Leopold was born after his brother's death and it was he who, at that time, the only male descendant of the royal couple, was to take the Belgian throne in the future. The future successor was interested in politics from an early age. He dreamed of subjugating the Netherlands to Belgium and seizing its colonies. It was the will to colonize that aroused his greatest interest. He assumed power after his father's death in 1865.
As Leopold II, however, he quickly realized that his rule would not be fully independent. Belgium was a constitutional monarchy and every most important decision of the king had to be consulted with the government and parliament. Meanwhile, these institutions did not always want to support the ideas of the greedy ruler. Nevertheless, during the reign of Leopold II, Belgium became one of the industrial powers of the contemporary world.
Leopold II took the Belgian throne directly after his father. Despite the brutal colonial policy, a large number of Belgians still respect and sentiment him, erecting new monuments for him. Painting by Ghémar Frères "Ascension of Leopold II to the throne".
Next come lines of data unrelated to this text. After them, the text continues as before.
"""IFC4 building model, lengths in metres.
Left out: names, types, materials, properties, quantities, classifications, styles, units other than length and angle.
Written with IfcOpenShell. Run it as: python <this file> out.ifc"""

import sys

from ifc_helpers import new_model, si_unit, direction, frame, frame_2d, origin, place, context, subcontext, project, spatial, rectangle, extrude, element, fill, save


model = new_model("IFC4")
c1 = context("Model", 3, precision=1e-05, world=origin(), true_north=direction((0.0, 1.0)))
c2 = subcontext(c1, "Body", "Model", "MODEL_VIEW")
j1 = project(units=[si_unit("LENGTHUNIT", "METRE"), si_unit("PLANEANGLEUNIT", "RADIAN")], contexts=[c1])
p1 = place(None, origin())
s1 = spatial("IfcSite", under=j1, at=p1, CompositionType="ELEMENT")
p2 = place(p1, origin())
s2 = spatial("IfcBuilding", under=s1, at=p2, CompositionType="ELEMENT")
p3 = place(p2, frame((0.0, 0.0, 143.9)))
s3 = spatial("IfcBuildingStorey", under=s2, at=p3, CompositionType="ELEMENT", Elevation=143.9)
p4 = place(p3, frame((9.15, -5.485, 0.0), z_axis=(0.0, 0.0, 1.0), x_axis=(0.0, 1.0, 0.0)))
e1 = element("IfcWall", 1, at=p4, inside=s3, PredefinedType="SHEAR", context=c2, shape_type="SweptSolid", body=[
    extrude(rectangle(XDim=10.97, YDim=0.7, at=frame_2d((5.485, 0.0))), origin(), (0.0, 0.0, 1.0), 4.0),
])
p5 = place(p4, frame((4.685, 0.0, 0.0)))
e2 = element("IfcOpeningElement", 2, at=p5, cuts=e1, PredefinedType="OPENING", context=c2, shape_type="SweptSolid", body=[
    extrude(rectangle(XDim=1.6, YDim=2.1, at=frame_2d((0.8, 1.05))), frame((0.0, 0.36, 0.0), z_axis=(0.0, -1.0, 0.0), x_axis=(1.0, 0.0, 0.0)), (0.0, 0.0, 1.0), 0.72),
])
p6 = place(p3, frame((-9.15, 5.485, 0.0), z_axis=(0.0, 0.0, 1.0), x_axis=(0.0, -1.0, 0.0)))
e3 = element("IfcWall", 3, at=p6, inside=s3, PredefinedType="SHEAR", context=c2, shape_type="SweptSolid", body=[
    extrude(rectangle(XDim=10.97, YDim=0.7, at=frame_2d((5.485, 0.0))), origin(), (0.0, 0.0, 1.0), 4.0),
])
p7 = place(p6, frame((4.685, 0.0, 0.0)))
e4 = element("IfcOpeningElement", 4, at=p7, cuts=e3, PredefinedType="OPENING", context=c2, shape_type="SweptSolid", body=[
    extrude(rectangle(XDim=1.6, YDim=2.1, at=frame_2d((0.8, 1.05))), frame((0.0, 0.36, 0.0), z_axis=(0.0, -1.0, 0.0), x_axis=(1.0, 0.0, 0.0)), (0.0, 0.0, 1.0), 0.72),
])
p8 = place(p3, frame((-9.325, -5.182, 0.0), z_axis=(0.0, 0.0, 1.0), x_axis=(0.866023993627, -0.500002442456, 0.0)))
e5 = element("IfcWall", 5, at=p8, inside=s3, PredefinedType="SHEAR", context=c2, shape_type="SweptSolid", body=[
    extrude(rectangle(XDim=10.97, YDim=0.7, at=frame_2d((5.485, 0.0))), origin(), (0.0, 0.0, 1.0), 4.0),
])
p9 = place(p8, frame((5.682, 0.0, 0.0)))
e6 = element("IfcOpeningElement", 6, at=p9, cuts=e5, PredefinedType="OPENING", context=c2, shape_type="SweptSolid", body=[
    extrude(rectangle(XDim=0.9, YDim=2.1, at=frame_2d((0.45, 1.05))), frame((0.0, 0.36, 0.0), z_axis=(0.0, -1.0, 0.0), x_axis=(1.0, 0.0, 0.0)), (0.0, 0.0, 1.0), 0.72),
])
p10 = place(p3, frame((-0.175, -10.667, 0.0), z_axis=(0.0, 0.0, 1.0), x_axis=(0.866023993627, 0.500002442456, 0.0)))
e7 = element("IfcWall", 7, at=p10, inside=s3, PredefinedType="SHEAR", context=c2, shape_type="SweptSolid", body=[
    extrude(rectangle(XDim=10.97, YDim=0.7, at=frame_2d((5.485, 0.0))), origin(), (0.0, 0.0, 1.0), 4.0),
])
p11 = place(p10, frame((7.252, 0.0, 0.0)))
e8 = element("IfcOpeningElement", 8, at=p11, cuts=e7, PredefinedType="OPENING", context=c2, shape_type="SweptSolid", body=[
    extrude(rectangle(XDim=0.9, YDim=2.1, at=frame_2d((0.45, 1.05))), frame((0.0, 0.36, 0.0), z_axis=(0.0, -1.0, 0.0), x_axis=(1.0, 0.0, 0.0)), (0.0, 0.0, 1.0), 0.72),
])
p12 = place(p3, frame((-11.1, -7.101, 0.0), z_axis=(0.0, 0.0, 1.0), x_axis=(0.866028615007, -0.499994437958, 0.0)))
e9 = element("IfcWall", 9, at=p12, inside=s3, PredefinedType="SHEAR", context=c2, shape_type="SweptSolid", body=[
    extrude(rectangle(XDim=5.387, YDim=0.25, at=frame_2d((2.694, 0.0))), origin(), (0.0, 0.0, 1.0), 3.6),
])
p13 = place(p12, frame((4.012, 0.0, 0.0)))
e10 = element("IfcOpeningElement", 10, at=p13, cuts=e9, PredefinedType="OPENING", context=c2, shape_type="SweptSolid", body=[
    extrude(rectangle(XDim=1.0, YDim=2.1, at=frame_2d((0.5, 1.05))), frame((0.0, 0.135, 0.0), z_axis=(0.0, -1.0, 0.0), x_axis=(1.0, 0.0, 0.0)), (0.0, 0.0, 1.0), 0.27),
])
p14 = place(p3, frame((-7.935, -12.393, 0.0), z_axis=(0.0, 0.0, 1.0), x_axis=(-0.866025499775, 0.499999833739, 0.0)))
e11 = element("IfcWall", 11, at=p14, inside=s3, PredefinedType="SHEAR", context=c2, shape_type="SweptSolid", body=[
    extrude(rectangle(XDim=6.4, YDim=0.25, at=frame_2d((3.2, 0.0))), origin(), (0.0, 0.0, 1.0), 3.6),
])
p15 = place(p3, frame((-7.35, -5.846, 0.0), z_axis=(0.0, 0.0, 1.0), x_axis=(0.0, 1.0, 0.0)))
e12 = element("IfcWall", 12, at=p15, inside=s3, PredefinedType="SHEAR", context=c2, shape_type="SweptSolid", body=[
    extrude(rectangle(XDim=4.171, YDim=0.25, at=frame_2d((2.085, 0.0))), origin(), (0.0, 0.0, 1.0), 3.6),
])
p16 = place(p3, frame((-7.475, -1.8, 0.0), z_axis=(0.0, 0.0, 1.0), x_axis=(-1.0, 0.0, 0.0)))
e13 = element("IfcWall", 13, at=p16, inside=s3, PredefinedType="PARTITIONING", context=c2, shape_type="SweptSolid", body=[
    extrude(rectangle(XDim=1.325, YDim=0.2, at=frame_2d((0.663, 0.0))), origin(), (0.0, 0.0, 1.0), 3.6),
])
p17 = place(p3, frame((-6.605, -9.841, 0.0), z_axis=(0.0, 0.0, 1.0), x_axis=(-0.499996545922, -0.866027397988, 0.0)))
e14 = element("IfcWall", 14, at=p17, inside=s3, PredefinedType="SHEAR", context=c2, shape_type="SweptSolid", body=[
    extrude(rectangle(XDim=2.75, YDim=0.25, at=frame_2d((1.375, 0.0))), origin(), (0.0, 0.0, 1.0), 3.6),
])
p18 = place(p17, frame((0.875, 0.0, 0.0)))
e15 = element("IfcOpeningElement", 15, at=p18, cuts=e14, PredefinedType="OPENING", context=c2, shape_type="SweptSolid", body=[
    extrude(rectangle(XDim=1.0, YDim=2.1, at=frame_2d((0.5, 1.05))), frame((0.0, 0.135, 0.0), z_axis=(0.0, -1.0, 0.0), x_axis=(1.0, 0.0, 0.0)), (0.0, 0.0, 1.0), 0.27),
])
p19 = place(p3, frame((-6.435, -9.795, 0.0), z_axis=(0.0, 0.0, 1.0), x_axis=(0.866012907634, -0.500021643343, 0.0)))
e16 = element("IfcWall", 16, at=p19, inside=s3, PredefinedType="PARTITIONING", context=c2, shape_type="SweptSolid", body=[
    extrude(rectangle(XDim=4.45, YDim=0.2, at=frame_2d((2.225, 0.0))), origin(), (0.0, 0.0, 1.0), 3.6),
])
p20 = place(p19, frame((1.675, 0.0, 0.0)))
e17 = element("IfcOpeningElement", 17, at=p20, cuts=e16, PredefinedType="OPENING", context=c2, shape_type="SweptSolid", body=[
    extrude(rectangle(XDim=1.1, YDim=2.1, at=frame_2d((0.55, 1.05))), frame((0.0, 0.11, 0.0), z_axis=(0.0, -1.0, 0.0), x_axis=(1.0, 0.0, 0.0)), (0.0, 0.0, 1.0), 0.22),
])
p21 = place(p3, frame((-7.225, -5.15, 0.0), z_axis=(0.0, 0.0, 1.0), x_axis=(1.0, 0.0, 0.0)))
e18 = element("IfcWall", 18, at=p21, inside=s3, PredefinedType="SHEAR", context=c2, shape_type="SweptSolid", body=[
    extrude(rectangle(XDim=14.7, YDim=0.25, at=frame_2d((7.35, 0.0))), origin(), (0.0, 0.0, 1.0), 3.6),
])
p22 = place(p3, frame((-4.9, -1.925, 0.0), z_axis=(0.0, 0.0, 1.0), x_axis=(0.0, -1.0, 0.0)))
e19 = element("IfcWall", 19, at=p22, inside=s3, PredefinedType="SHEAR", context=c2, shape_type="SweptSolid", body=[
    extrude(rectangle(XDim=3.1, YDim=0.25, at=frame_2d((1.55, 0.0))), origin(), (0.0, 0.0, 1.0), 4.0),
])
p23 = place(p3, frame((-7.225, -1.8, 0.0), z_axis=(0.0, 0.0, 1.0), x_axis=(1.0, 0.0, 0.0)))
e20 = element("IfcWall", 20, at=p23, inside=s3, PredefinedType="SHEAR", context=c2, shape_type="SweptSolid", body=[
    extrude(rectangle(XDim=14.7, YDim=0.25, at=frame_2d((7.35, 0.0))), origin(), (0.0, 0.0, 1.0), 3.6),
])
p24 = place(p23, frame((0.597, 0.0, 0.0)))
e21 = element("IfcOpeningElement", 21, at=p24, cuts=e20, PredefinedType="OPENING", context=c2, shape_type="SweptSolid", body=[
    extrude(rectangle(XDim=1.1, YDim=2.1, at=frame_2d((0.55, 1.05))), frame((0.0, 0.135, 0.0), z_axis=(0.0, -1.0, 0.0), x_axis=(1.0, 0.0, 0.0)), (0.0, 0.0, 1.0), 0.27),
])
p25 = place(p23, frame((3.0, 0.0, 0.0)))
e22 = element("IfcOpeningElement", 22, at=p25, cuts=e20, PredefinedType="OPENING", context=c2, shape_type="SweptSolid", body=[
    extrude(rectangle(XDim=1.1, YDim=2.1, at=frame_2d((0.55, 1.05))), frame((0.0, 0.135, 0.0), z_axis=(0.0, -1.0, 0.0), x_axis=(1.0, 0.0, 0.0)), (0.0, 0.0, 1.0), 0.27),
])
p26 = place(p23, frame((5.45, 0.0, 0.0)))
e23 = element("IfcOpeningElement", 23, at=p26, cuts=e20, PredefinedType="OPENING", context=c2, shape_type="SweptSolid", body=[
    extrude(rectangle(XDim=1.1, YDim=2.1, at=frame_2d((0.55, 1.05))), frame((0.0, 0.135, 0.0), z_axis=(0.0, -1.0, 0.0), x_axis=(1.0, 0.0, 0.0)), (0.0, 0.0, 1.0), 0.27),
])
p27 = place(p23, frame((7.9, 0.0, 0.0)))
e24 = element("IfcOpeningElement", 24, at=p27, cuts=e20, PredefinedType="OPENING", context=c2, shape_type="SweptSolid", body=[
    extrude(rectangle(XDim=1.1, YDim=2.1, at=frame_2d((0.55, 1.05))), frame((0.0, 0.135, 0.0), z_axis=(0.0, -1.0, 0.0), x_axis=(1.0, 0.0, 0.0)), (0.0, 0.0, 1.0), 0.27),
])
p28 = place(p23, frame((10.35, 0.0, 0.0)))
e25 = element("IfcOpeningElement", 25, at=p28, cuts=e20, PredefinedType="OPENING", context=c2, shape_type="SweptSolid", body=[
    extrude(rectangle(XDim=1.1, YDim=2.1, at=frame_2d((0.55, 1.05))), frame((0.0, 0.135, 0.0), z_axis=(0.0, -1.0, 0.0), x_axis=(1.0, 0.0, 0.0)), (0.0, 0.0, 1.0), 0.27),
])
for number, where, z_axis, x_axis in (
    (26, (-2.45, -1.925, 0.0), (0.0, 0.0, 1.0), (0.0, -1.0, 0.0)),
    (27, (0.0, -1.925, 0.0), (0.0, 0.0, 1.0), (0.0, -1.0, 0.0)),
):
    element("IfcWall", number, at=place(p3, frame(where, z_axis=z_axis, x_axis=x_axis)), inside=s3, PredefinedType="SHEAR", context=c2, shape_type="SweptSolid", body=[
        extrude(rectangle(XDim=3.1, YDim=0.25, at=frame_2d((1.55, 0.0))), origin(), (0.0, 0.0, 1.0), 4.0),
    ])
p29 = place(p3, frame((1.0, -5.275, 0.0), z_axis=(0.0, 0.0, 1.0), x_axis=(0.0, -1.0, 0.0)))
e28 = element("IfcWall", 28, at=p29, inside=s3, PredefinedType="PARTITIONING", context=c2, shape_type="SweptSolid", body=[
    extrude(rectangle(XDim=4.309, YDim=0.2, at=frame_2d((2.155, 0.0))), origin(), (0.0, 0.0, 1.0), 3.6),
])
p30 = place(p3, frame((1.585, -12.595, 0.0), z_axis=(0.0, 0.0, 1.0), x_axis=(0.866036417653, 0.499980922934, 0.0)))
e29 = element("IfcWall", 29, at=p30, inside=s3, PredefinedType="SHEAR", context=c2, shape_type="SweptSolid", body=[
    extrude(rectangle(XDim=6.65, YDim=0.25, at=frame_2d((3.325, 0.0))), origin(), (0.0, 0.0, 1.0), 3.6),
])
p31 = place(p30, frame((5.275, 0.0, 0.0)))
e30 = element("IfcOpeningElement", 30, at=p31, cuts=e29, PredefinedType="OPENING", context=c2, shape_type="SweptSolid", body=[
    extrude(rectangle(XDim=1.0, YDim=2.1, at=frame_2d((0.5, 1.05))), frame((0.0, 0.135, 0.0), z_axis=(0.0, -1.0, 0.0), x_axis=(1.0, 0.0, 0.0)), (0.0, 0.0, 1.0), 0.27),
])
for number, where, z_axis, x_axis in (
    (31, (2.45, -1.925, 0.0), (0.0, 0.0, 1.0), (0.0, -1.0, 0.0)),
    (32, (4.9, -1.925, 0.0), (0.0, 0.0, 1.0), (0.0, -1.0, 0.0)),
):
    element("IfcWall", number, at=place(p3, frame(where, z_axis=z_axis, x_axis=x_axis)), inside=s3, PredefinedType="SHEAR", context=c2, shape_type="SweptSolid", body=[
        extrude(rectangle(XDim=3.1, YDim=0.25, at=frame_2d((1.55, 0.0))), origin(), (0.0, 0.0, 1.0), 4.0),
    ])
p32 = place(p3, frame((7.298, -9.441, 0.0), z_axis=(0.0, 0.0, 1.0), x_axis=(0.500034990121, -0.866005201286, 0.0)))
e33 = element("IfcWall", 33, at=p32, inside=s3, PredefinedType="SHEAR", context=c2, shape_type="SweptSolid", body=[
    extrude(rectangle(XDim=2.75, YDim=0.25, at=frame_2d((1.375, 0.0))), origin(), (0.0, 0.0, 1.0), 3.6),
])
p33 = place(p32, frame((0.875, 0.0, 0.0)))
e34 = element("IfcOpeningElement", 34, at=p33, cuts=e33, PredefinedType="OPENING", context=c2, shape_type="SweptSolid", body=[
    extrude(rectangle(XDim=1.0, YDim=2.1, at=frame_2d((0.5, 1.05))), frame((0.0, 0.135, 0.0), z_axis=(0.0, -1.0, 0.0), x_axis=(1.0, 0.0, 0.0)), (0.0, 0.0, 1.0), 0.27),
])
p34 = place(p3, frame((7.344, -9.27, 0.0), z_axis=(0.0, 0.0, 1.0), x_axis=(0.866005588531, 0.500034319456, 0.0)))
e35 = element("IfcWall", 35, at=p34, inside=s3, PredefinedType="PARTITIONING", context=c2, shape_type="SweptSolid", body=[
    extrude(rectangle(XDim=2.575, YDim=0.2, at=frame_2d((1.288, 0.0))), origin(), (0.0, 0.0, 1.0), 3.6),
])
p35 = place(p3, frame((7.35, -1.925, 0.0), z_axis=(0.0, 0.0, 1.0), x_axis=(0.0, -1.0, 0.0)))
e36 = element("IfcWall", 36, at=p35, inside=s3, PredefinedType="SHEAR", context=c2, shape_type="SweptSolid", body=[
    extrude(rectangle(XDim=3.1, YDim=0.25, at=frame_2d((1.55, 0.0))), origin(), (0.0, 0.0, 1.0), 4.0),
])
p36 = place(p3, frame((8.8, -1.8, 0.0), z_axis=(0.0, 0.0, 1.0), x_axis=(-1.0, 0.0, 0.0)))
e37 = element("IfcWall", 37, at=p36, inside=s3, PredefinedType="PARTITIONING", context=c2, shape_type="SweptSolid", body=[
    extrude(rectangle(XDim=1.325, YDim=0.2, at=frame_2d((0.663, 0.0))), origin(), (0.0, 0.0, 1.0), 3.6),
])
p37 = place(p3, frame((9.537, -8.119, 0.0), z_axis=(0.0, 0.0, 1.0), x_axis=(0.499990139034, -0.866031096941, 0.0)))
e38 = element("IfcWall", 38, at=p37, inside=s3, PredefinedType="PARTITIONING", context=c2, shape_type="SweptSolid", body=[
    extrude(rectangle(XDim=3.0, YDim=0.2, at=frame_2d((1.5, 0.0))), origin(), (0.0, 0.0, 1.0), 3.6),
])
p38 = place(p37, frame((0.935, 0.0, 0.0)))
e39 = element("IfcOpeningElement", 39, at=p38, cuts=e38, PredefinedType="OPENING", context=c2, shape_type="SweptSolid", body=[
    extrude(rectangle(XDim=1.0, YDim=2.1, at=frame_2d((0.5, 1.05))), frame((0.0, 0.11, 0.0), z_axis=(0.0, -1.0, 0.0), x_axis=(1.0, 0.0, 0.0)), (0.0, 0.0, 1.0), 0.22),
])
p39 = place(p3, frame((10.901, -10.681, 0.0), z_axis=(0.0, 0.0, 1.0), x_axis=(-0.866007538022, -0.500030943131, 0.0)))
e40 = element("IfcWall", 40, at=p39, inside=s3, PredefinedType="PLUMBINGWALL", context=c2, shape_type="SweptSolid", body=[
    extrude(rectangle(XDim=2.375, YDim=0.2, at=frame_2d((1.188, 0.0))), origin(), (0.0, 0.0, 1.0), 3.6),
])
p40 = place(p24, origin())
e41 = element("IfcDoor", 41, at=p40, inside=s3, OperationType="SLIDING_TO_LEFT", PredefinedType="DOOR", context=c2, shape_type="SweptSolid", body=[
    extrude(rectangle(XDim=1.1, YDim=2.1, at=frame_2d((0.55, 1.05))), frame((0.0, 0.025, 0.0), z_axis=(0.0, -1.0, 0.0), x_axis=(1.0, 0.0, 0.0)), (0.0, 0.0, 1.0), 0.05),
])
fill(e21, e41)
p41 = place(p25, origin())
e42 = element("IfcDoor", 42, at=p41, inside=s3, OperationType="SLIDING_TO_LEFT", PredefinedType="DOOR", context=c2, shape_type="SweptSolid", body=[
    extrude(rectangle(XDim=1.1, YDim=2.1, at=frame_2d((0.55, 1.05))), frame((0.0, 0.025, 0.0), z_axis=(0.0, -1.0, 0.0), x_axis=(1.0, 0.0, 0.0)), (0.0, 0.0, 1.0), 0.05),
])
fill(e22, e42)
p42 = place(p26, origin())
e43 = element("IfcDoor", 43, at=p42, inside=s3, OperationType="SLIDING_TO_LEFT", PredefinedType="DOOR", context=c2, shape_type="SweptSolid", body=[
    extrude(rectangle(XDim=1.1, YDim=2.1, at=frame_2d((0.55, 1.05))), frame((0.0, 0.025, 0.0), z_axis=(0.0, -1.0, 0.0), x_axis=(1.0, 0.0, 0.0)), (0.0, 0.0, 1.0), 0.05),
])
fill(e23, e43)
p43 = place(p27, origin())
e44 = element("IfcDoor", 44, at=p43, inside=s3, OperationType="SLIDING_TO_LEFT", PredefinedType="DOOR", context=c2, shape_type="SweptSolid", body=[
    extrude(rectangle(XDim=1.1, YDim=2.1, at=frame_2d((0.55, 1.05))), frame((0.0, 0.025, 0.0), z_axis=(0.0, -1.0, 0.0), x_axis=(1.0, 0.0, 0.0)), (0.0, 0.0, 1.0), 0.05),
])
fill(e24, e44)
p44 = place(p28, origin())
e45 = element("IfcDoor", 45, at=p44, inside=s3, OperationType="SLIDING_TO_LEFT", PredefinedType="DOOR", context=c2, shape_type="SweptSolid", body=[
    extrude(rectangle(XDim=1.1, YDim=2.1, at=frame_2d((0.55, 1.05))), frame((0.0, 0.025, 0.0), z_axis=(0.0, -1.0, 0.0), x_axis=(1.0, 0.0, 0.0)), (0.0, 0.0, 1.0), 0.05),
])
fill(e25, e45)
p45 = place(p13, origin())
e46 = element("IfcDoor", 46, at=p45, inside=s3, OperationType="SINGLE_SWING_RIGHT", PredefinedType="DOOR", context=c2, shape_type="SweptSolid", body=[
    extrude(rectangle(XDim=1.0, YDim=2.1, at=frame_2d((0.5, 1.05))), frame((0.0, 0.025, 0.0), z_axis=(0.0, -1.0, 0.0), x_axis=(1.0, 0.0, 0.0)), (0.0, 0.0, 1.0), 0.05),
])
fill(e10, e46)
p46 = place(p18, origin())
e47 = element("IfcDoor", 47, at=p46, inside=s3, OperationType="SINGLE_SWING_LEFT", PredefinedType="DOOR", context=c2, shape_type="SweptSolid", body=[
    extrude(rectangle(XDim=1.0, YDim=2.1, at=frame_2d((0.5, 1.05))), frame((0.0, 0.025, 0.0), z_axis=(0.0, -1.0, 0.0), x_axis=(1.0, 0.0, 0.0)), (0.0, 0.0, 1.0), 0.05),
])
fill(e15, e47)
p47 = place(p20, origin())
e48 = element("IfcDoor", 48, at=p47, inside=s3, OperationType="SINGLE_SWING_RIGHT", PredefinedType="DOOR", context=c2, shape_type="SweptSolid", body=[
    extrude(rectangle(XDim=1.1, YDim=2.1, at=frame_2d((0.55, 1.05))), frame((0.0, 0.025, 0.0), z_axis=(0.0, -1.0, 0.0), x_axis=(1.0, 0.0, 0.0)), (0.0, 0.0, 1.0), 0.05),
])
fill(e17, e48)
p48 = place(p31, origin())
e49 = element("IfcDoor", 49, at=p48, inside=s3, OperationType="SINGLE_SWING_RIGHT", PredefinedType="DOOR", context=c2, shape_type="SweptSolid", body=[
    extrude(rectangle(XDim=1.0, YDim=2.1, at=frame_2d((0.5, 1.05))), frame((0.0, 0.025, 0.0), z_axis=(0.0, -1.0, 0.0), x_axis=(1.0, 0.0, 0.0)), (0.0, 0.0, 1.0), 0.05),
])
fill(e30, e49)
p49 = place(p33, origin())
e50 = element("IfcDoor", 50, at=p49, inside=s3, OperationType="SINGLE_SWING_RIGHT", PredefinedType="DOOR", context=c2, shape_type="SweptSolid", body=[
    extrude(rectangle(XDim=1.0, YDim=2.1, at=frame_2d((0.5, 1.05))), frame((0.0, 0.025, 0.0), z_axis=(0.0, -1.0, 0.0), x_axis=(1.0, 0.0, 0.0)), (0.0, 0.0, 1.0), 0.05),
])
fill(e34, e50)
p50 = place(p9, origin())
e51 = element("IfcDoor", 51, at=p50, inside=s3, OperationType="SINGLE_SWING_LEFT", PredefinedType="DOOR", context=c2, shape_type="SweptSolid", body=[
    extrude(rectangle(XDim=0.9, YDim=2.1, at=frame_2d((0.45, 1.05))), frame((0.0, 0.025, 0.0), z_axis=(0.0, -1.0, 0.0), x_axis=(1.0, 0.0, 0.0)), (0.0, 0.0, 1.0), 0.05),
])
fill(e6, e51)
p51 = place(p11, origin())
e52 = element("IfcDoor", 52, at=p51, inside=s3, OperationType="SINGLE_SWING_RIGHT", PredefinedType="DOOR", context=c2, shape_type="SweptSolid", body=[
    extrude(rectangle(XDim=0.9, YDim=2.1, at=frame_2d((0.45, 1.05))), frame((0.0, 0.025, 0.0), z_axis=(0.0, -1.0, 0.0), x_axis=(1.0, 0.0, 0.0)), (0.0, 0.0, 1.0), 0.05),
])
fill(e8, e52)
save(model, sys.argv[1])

At the end of the king's reign, as many as 7 million people lived in this small country. This was twice as much as in 1830. The country invested in new energy sources and modern industry. However, this was not enough for Leopold II. The more that he failed to implement the war plans towards the Netherlands. Thus, although the king undoubtedly contributed to the economic development of his country, almost all the years of his reign are filled with another "achievement". Dark and shameful.
"Belgium must have a colony"
Ever since he came to the throne, Leopold II believed that Belgium was "a little country of little people." As a staunch supporter of imperialism, he used to say that "Belgium must have a colony." He looked at colonial powers such as Great Britain with undisguised jealousy. However, the king had a problem with acquiring new possessions…
First of all, the country did not have a fleet that could be set out in search of lands to conquer. Moreover, there were very few areas for colonization. The unfavorable conditions did not stop Leopold. His plans envisioned the occupation of Fiji, New Guinea or even a part of Abyssinia. However, the Belgian parliament stood in his way, which considered such expeditions to be too much of a financial burden for the state. The king's colonial plans seemed to be ruined. That's when he met Morton Stanley. The explorer who was talked about - as Charlie English reports in his latest historical report " The book smugglers from Timbuktu "- that " shoots at blacks as if they were monkeys " .
The article was inspired by the latest book by Charlie English "Smugglers of books from Timbuktu" (Poznań Publishing House 2018), in which the author interweaves the history of the African kingdom with the present, creating a story full of tensions.
Private State of Leopold II
In the second half of the 1870s, Morton Stanley organized an expedition to Congo, located in Central Africa. It was one of the few African lands that has not yet been colonized. At first, the man tried to persuade Great Britain to occupy this area. However, the country struggling with the problem of recession was not interested in allocating money to Stanley's colonization plans. Leopold II decided to take the offer.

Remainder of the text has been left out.